Work done on a gas during an isothermal process is an important concept in thermodynamics. During such a process, the total work done can be calculated by:\[ W = nRT \ln\left(\frac{V_2}{V_1}\right) \]where:

• \( W \) is the work done
• \( n \) is the number of moles of gas
• \( R \) is the gas constant
• \( T \) is the temperature held constant in Kelvin
• \( V_1 \) and \( V_2 \) are the initial and final volumes respectively

It shows that work done on the gas depends on the ratio of final volume to initial volume. When calculating the work done, the sign convention can be important: work done on the gas is considered positive, while work done by the gas is considered negative. Understanding these principles helps in analyzing various thermodynamic processes and predicting how a system will respond under isothermal conditions.

Pressure-Volume Diagram

A Pressure-Volume (PV) diagram is a graphical representation of the relationship between the pressure and volume of a gas. In these diagrams:

• The y-axis typically represents pressure.
• The x-axis represents volume.
• Each point on the curve represents a different state of the gas during the process.

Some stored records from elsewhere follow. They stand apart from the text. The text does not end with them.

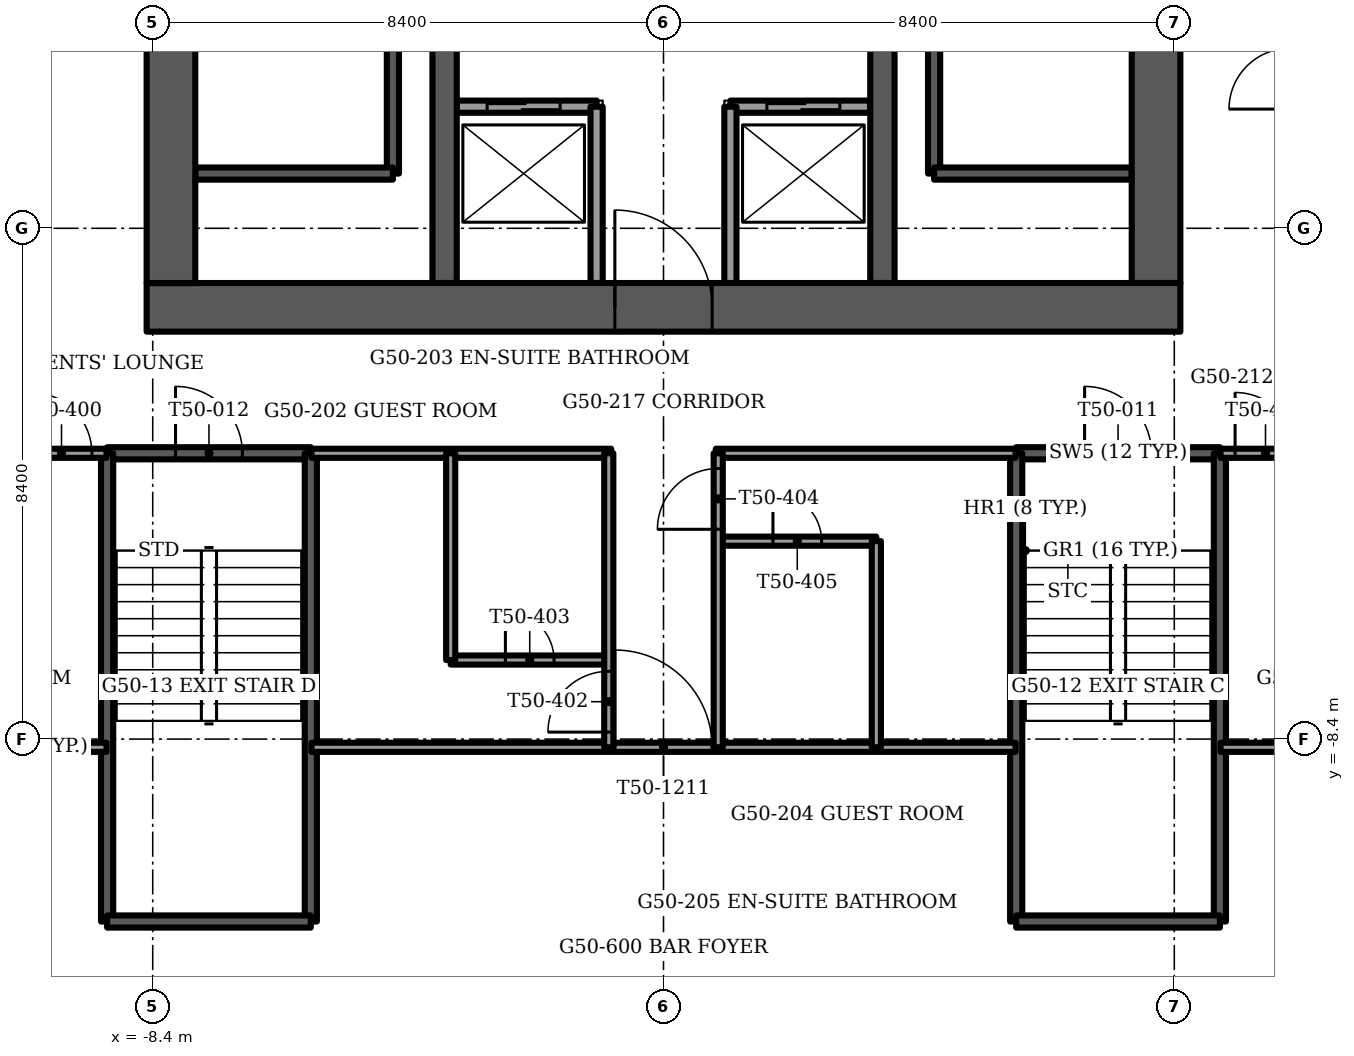
"""IFC4 building model, lengths in metres.
Left out: names, types, materials, properties, quantities, classifications, styles, units other than length and angle.
Written with IfcOpenShell. Run it as: python <this file> out.ifc"""

import sys

from ifc_helpers import new_model, si_unit, direction, frame, frame_2d, origin, place, context, subcontext, project, spatial, rectangle, extrude, element, fill, save


model = new_model("IFC4")
c1 = context("Model", 3, precision=1e-05, world=origin(), true_north=direction((0.0, 1.0)))
c2 = subcontext(c1, "Body", "Model", "MODEL_VIEW")
j1 = project(units=[si_unit("LENGTHUNIT", "METRE"), si_unit("PLANEANGLEUNIT", "RADIAN")], contexts=[c1])
p1 = place(None, origin())
s1 = spatial("IfcSite", under=j1, at=p1, CompositionType="ELEMENT")
p2 = place(p1, origin())
s2 = spatial("IfcBuilding", under=s1, at=p2, CompositionType="ELEMENT")
p3 = place(p2, frame((0.0, 0.0, 202.0)))
s3 = spatial("IfcBuildingStorey", under=s2, at=p3, CompositionType="ELEMENT", Elevation=202.0)
p4 = place(p3, frame((-8.5, -1.3, -0.3), z_axis=(0.0, 0.0, 1.0), x_axis=(1.0, 0.0, 0.0)))
e1 = element("IfcWall", 1, at=p4, inside=s3, PredefinedType="SHEAR", context=c2, shape_type="SweptSolid", body=[
    extrude(rectangle(XDim=17.0, YDim=0.8, at=frame_2d((8.5, 0.0))), origin(), (0.0, 0.0, 1.0), 3.75),
])
p5 = place(p4, frame((7.7, 0.0, 0.0)))
e2 = element("IfcOpeningElement", 2, at=p5, cuts=e1, PredefinedType="OPENING", context=c2, shape_type="SweptSolid", body=[
    extrude(rectangle(XDim=1.6, YDim=2.1, at=frame_2d((0.8, 1.05))), frame((0.0, 0.4, 0.0), z_axis=(0.0, -1.0, 0.0), x_axis=(1.0, 0.0, 0.0)), (0.0, 0.0, 1.0), 0.8),
])
p6 = place(p3, frame((-8.1, -0.9, -0.3), z_axis=(0.0, 0.0, 1.0), x_axis=(0.0, 1.0, 0.0)))
e3 = element("IfcWall", 3, at=p6, inside=s3, PredefinedType="SHEAR", context=c2, shape_type="SweptSolid", body=[
    extrude(rectangle(XDim=9.8, YDim=0.8, at=frame_2d((4.9, 0.0))), origin(), (0.0, 0.0, 1.0), 3.75),
])
p7 = place(p6, frame((8.15, 0.0, 0.0)))
e4 = element("IfcOpeningElement", 4, at=p7, cuts=e3, PredefinedType="OPENING", context=c2, shape_type="SweptSolid", body=[
    extrude(rectangle(XDim=1.1, YDim=2.1, at=frame_2d((0.55, 1.05))), frame((0.0, 0.4, 0.0), z_axis=(0.0, -1.0, 0.0), x_axis=(1.0, 0.0, 0.0)), (0.0, 0.0, 1.0), 0.8),
])
p8 = place(p3, frame((8.1, -0.9, -0.3), z_axis=(0.0, 0.0, 1.0), x_axis=(0.0, 1.0, 0.0)))
e5 = element("IfcWall", 5, at=p8, inside=s3, PredefinedType="SHEAR", context=c2, shape_type="SweptSolid", body=[
    extrude(rectangle(XDim=9.8, YDim=0.8, at=frame_2d((4.9, 0.0))), origin(), (0.0, 0.0, 1.0), 3.75),
])
p9 = place(p8, frame((8.15, 0.0, 0.0)))
e6 = element("IfcOpeningElement", 6, at=p9, cuts=e5, PredefinedType="OPENING", context=c2, shape_type="SweptSolid", body=[
    extrude(rectangle(XDim=1.1, YDim=2.1, at=frame_2d((0.55, 1.05))), frame((0.0, 0.4, 0.0), z_axis=(0.0, -1.0, 0.0), x_axis=(1.0, 0.0, 0.0)), (0.0, 0.0, 1.0), 0.8),
])
for number, where, z_axis, x_axis in (
    (7, (-3.6, -0.9, -0.3), (0.0, 0.0, 1.0), (0.0, 1.0, 0.0)),
    (8, (3.6, -0.9, -0.3), (0.0, 0.0, 1.0), (0.0, 1.0, 0.0)),
):
    element("IfcWall", number, at=place(p3, frame(where, z_axis=z_axis, x_axis=x_axis)), inside=s3, PredefinedType="SHEAR", context=c2, shape_type="SweptSolid", body=[
        extrude(rectangle(XDim=9.8, YDim=0.4, at=frame_2d((4.9, 0.0))), origin(), (0.0, 0.0, 1.0), 3.75),
    ])
p10 = place(p3, frame((-3.4, 2.0, 0.0), z_axis=(0.0, 0.0, 1.0), x_axis=(1.0, 0.0, 0.0)))
e9 = element("IfcWall", 9, at=p10, inside=s3, PredefinedType="PARTITIONING", context=c2, shape_type="SweptSolid", body=[
    extrude(rectangle(XDim=2.3, YDim=0.2, at=frame_2d((1.15, 0.0))), origin(), (0.0, 0.0, 1.0), 3.45),
])
p11 = place(p10, frame((0.5, 0.0, 0.0)))
e10 = element("IfcOpeningElement", 10, at=p11, cuts=e9, PredefinedType="OPENING", context=c2, shape_type="SweptSolid", body=[
    extrude(rectangle(XDim=1.2, YDim=2.1, at=frame_2d((0.6, 1.05))), frame((0.0, 0.1, 0.0), z_axis=(0.0, -1.0, 0.0), x_axis=(1.0, 0.0, 0.0)), (0.0, 0.0, 1.0), 0.2),
])
p12 = place(p3, frame((1.1, 2.0, 0.0), z_axis=(0.0, 0.0, 1.0), x_axis=(1.0, 0.0, 0.0)))
e11 = element("IfcWall", 11, at=p12, inside=s3, PredefinedType="PARTITIONING", context=c2, shape_type="SweptSolid", body=[
    extrude(rectangle(XDim=2.3, YDim=0.2, at=frame_2d((1.15, 0.0))), origin(), (0.0, 0.0, 1.0), 3.45),
])
p13 = place(p12, frame((0.6, 0.0, 0.0)))
e12 = element("IfcOpeningElement", 12, at=p13, cuts=e11, PredefinedType="OPENING", context=c2, shape_type="SweptSolid", body=[
    extrude(rectangle(XDim=1.2, YDim=2.1, at=frame_2d((0.6, 1.05))), frame((0.0, 0.1, 0.0), z_axis=(0.0, -1.0, 0.0), x_axis=(1.0, 0.0, 0.0)), (0.0, 0.0, 1.0), 0.2),
])
for number, where, z_axis, x_axis in (
    (13, (-1.1, -0.9, 0.0), (0.0, 0.0, 1.0), (0.0, 1.0, 0.0)),
    (14, (1.1, -0.9, 0.0), (0.0, 0.0, 1.0), (0.0, 1.0, 0.0)),
):
    element("IfcWall", number, at=place(p3, frame(where, z_axis=z_axis, x_axis=x_axis)), inside=s3, PredefinedType="PARTITIONING", context=c2, shape_type="SweptSolid", body=[
        extrude(rectangle(XDim=2.9, YDim=0.2, at=frame_2d((1.45, 0.0))), origin(), (0.0, 0.0, 1.0), 3.45),
    ])
p14 = place(p3, frame((-4.45, 0.9, -0.3), z_axis=(0.0, 0.0, 1.0), x_axis=(0.0, 1.0, 0.0)))
e15 = element("IfcWall", 15, at=p14, inside=s3, PredefinedType="SOLIDWALL", context=c2, shape_type="SweptSolid", body=[
    extrude(rectangle(XDim=8.0, YDim=0.2, at=frame_2d((4.0, 0.0))), origin(), (0.0, 0.0, 1.0), 3.75),
])
p15 = place(p3, frame((-7.7, 0.9, -0.3), z_axis=(0.0, 0.0, 1.0), x_axis=(1.0, 0.0, 0.0)))
e16 = element("IfcWall", 16, at=p15, inside=s3, PredefinedType="SOLIDWALL", context=c2, shape_type="SweptSolid", body=[
    extrude(rectangle(XDim=3.25, YDim=0.2, at=frame_2d((1.625, 0.0))), origin(), (0.0, 0.0, 1.0), 3.75),
])
p16 = place(p3, frame((4.45, 0.9, -0.3), z_axis=(0.0, 0.0, 1.0), x_axis=(0.0, 1.0, 0.0)))
e17 = element("IfcWall", 17, at=p16, inside=s3, PredefinedType="SOLIDWALL", context=c2, shape_type="SweptSolid", body=[
    extrude(rectangle(XDim=8.0, YDim=0.2, at=frame_2d((4.0, 0.0))), origin(), (0.0, 0.0, 1.0), 3.75),
])
p17 = place(p3, frame((4.45, 0.9, -0.3), z_axis=(0.0, 0.0, 1.0), x_axis=(1.0, 0.0, 0.0)))
e18 = element("IfcWall", 18, at=p17, inside=s3, PredefinedType="SOLIDWALL", context=c2, shape_type="SweptSolid", body=[
    extrude(rectangle(XDim=3.25, YDim=0.2, at=frame_2d((1.625, 0.0))), origin(), (0.0, 0.0, 1.0), 3.75),
])
p18 = place(p3, frame((5.8, -3.7, -0.3), z_axis=(0.0, 0.0, 1.0), x_axis=(1.0, 0.0, 0.0)))
e19 = element("IfcWall", 19, at=p18, inside=s3, PredefinedType="SOLIDWALL", context=c2, shape_type="SweptSolid", body=[
    extrude(rectangle(XDim=3.35, YDim=0.2, at=frame_2d((1.675, 0.0))), origin(), (0.0, 0.0, 1.0), 3.75),
])
p19 = place(p18, frame((1.125, 0.0, 0.0)))
e20 = element("IfcOpeningElement", 20, at=p19, cuts=e19, PredefinedType="OPENING", context=c2, shape_type="SweptSolid", body=[
    extrude(rectangle(XDim=1.1, YDim=2.1, at=frame_2d((0.55, 1.05))), frame((0.0, 0.1, 0.0), z_axis=(0.0, -1.0, 0.0), x_axis=(1.0, 0.0, 0.0)), (0.0, 0.0, 1.0), 0.2),
])
for number, where, z_axis, x_axis in (
    (21, (5.8, -3.7, -0.3), (0.0, 0.0, 1.0), (0.0, -1.0, 0.0)),
    (22, (9.15, -3.7, -0.3), (0.0, 0.0, 1.0), (0.0, -1.0, 0.0)),
):
    element("IfcWall", number, at=place(p3, frame(where, z_axis=z_axis, x_axis=x_axis)), inside=s3, PredefinedType="SOLIDWALL", context=c2, shape_type="SweptSolid", body=[
        extrude(rectangle(XDim=7.7, YDim=0.2, at=frame_2d((3.85, 0.0))), origin(), (0.0, 0.0, 1.0), 3.75),
    ])
p20 = place(p3, frame((5.8, -11.4, -0.3), z_axis=(0.0, 0.0, 1.0), x_axis=(1.0, 0.0, 0.0)))
e23 = element("IfcWall", 23, at=p20, inside=s3, PredefinedType="SOLIDWALL", context=c2, shape_type="SweptSolid", body=[
    extrude(rectangle(XDim=3.35, YDim=0.2, at=frame_2d((1.675, 0.0))), origin(), (0.0, 0.0, 1.0), 3.75),
])
p21 = place(p3, frame((-9.15, -3.7, -0.3), z_axis=(0.0, 0.0, 1.0), x_axis=(1.0, 0.0, 0.0)))
e24 = element("IfcWall", 24, at=p21, inside=s3, PredefinedType="SOLIDWALL", context=c2, shape_type="SweptSolid", body=[
    extrude(rectangle(XDim=3.35, YDim=0.2, at=frame_2d((1.675, 0.0))), origin(), (0.0, 0.0, 1.0), 3.75),
])
p22 = place(p21, frame((1.125, 0.0, 0.0)))
e25 = element("IfcOpeningElement", 25, at=p22, cuts=e24, PredefinedType="OPENING", context=c2, shape_type="SweptSolid", body=[
    extrude(rectangle(XDim=1.1, YDim=2.1, at=frame_2d((0.55, 1.05))), frame((0.0, 0.1, 0.0), z_axis=(0.0, -1.0, 0.0), x_axis=(1.0, 0.0, 0.0)), (0.0, 0.0, 1.0), 0.2),
])
for number, where, z_axis, x_axis in (
    (26, (-9.15, -3.7, -0.3), (0.0, 0.0, 1.0), (0.0, -1.0, 0.0)),
    (27, (-5.8, -3.7, -0.3), (0.0, 0.0, 1.0), (0.0, -1.0, 0.0)),
):
    element("IfcWall", number, at=place(p3, frame(where, z_axis=z_axis, x_axis=x_axis)), inside=s3, PredefinedType="SOLIDWALL", context=c2, shape_type="SweptSolid", body=[
        extrude(rectangle(XDim=7.7, YDim=0.2, at=frame_2d((3.85, 0.0))), origin(), (0.0, 0.0, 1.0), 3.75),
    ])
p23 = place(p3, frame((-9.15, -11.4, -0.3), z_axis=(0.0, 0.0, 1.0), x_axis=(1.0, 0.0, 0.0)))
e28 = element("IfcWall", 28, at=p23, inside=s3, PredefinedType="SOLIDWALL", context=c2, shape_type="SweptSolid", body=[
    extrude(rectangle(XDim=3.35, YDim=0.2, at=frame_2d((1.675, 0.0))), origin(), (0.0, 0.0, 1.0), 3.75),
])
p24 = place(p3, frame((-11.93, -8.535, 0.0), z_axis=(0.0, 0.0, 1.0), x_axis=(1.0, 0.0, 0.0)))
e29 = element("IfcWall", 29, at=p24, inside=s3, PredefinedType="PARTITIONING", context=c2, shape_type="SweptSolid", body=[
    extrude(rectangle(XDim=2.77, YDim=0.15, at=frame_2d((1.385, 0.0))), origin(), (0.0, 0.0, 1.0), 3.45),
])
p25 = place(p3, frame((-5.79, -8.535, 0.0), z_axis=(0.0, 0.0, 1.0), x_axis=(1.0, 0.0, 0.0)))
e30 = element("IfcWall", 30, at=p25, inside=s3, PredefinedType="PARTITIONING", context=c2, shape_type="SweptSolid", body=[
    extrude(rectangle(XDim=11.58, YDim=0.15, at=frame_2d((5.79, 0.0))), origin(), (0.0, 0.0, 1.0), 3.45),
])
p26 = place(p25, frame((4.99, 0.0, 0.0)))
e31 = element("IfcOpeningElement", 31, at=p26, cuts=e30, PredefinedType="OPENING", context=c2, shape_type="SweptSolid", body=[
    extrude(rectangle(XDim=1.6, YDim=2.1, at=frame_2d((0.8, 1.05))), frame((0.0, 0.075, 0.0), z_axis=(0.0, -1.0, 0.0), x_axis=(1.0, 0.0, 0.0)), (0.0, 0.0, 1.0), 0.15),
])
p27 = place(p3, frame((9.16, -8.535, 0.0), z_axis=(0.0, 0.0, 1.0), x_axis=(1.0, 0.0, 0.0)))
e32 = element("IfcWall", 32, at=p27, inside=s3, PredefinedType="PARTITIONING", context=c2, shape_type="SweptSolid", body=[
    extrude(rectangle(XDim=2.77, YDim=0.15, at=frame_2d((1.385, 0.0))), origin(), (0.0, 0.0, 1.0), 3.45),
])
p28 = place(p3, frame((-3.5, -7.1, 0.0), z_axis=(0.0, 0.0, 1.0), x_axis=(1.0, 0.0, 0.0)))
e33 = element("IfcWall", 33, at=p28, inside=s3, PredefinedType="PARTITIONING", context=c2, shape_type="SweptSolid", body=[
    extrude(rectangle(XDim=2.6, YDim=0.15, at=frame_2d((1.3, 0.0))), origin(), (0.0, 0.0, 1.0), 3.45),
])
p29 = place(p28, frame((0.9, 0.0, 0.0)))
e34 = element("IfcOpeningElement", 34, at=p29, cuts=e33, PredefinedType="OPENING", context=c2, shape_type="SweptSolid", body=[
    extrude(rectangle(XDim=0.8, YDim=2.1, at=frame_2d((0.4, 1.05))), frame((0.0, 0.075, 0.0), z_axis=(0.0, -1.0, 0.0), x_axis=(1.0, 0.0, 0.0)), (0.0, 0.0, 1.0), 0.15),
])
p30 = place(p3, frame((0.9, -5.145, 0.0), z_axis=(0.0, 0.0, 1.0), x_axis=(1.0, 0.0, 0.0)))
e35 = element("IfcWall", 35, at=p30, inside=s3, PredefinedType="PARTITIONING", context=c2, shape_type="SweptSolid", body=[
    extrude(rectangle(XDim=2.6, YDim=0.15, at=frame_2d((1.3, 0.0))), origin(), (0.0, 0.0, 1.0), 3.45),
])
p31 = place(p30, frame((0.9, 0.0, 0.0)))
e36 = element("IfcOpeningElement", 36, at=p31, cuts=e35, PredefinedType="OPENING", context=c2, shape_type="SweptSolid", body=[
    extrude(rectangle(XDim=0.8, YDim=2.1, at=frame_2d((0.4, 1.05))), frame((0.0, 0.075, 0.0), z_axis=(0.0, -1.0, 0.0), x_axis=(1.0, 0.0, 0.0)), (0.0, 0.0, 1.0), 0.15),
])
p32 = place(p3, frame((-15.727, -3.7, 0.0), z_axis=(0.0, 0.0, 1.0), x_axis=(1.0, 0.0, 0.0)))
e37 = element("IfcWall", 37, at=p32, inside=s3, PredefinedType="PARTITIONING", context=c2, shape_type="SweptSolid", body=[
    extrude(rectangle(XDim=6.567, YDim=0.15, at=frame_2d((3.284, 0.0))), origin(), (0.0, 0.0, 1.0), 3.45),
])
p33 = place(p32, frame((5.327, 0.0, 0.0)))
e38 = element("IfcOpeningElement", 38, at=p33, cuts=e37, PredefinedType="OPENING", context=c2, shape_type="SweptSolid", body=[
    extrude(rectangle(XDim=1.0, YDim=2.1, at=frame_2d((0.5, 1.05))), frame((0.0, 0.075, 0.0), z_axis=(0.0, -1.0, 0.0), x_axis=(1.0, 0.0, 0.0)), (0.0, 0.0, 1.0), 0.15),
])
for number, where, z_axis, x_axis in (
    (39, (-5.79, -3.7, 0.0), (0.0, 0.0, 1.0), (1.0, 0.0, 0.0)),
    (40, (0.86, -3.7, 0.0), (0.0, 0.0, 1.0), (1.0, 0.0, 0.0)),
):
    element("IfcWall", number, at=place(p3, frame(where, z_axis=z_axis, x_axis=x_axis)), inside=s3, PredefinedType="PARTITIONING", context=c2, shape_type="SweptSolid", body=[
        extrude(rectangle(XDim=4.93, YDim=0.15, at=frame_2d((2.465, 0.0))), origin(), (0.0, 0.0, 1.0), 3.45),
    ])
p34 = place(p3, frame((9.16, -3.7, 0.0), z_axis=(0.0, 0.0, 1.0), x_axis=(1.0, 0.0, 0.0)))
e41 = element("IfcWall", 41, at=p34, inside=s3, PredefinedType="PARTITIONING", context=c2, shape_type="SweptSolid", body=[
    extrude(rectangle(XDim=6.567, YDim=0.15, at=frame_2d((3.284, 0.0))), origin(), (0.0, 0.0, 1.0), 3.45),
])
p35 = place(p34, frame((0.24, 0.0, 0.0)))
e42 = element("IfcOpeningElement", 42, at=p35, cuts=e41, PredefinedType="OPENING", context=c2, shape_type="SweptSolid", body=[
    extrude(rectangle(XDim=1.0, YDim=2.1, at=frame_2d((0.5, 1.05))), frame((0.0, 0.075, 0.0), z_axis=(0.0, -1.0, 0.0), x_axis=(1.0, 0.0, 0.0)), (0.0, 0.0, 1.0), 0.15),
])
p36 = place(p3, frame((3.5, -8.535, 0.0), z_axis=(0.0, 0.0, 1.0), x_axis=(0.0, 1.0, 0.0)))
e43 = element("IfcWall", 43, at=p36, inside=s3, PredefinedType="PARTITIONING", context=c2, shape_type="SweptSolid", body=[
    extrude(rectangle(XDim=3.39, YDim=0.15, at=frame_2d((1.695, 0.0))), origin(), (0.0, 0.0, 1.0), 3.45),
])
p37 = place(p3, frame((0.9, -8.535, 0.0), z_axis=(0.0, 0.0, 1.0), x_axis=(0.0, 1.0, 0.0)))
e44 = element("IfcWall", 44, at=p37, inside=s3, PredefinedType="PARTITIONING", context=c2, shape_type="SweptSolid", body=[
    extrude(rectangle(XDim=4.835, YDim=0.15, at=frame_2d((2.417, 0.0))), origin(), (0.0, 0.0, 1.0), 3.45),
])
p38 = place(p37, frame((3.585, 0.0, 0.0)))
e45 = element("IfcOpeningElement", 45, at=p38, cuts=e44, PredefinedType="OPENING", context=c2, shape_type="SweptSolid", body=[
    extrude(rectangle(XDim=1.0, YDim=2.1, at=frame_2d((0.5, 1.05))), frame((0.0, 0.075, 0.0), z_axis=(0.0, -1.0, 0.0), x_axis=(1.0, 0.0, 0.0)), (0.0, 0.0, 1.0), 0.15),
])
p39 = place(p3, frame((-0.9, -8.535, 0.0), z_axis=(0.0, 0.0, 1.0), x_axis=(0.0, 1.0, 0.0)))
e46 = element("IfcWall", 46, at=p39, inside=s3, PredefinedType="PARTITIONING", context=c2, shape_type="SweptSolid", body=[
    extrude(rectangle(XDim=4.835, YDim=0.15, at=frame_2d((2.417, 0.0))), origin(), (0.0, 0.0, 1.0), 3.45),
])
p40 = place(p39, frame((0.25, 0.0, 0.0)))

For an isothermal process involving an ideal gas, the PV diagram displays a hyperbolic curve. This curve reflects the fact that during isothermal compression (or expansion), the product \( PV \) stays constant: as the volume decreases, pressure increases proportionately.To sketch a PV diagram for an isothermal process like the one in the exercise:

• Start at the initial pressure \( P_1 \) and volume \( V_1 \).
• The curve will slope downwards towards the final pressure \( P_2 \) and volume \( V_2 \).
• The curve follows a hyperbolic shape due to the inverse relationship between pressure and volume when temperature remains constant.

By analyzing these diagrams, we gain insight into how gases behave under different thermodynamic conditions, which is crucial for designing and evaluating engineering systems.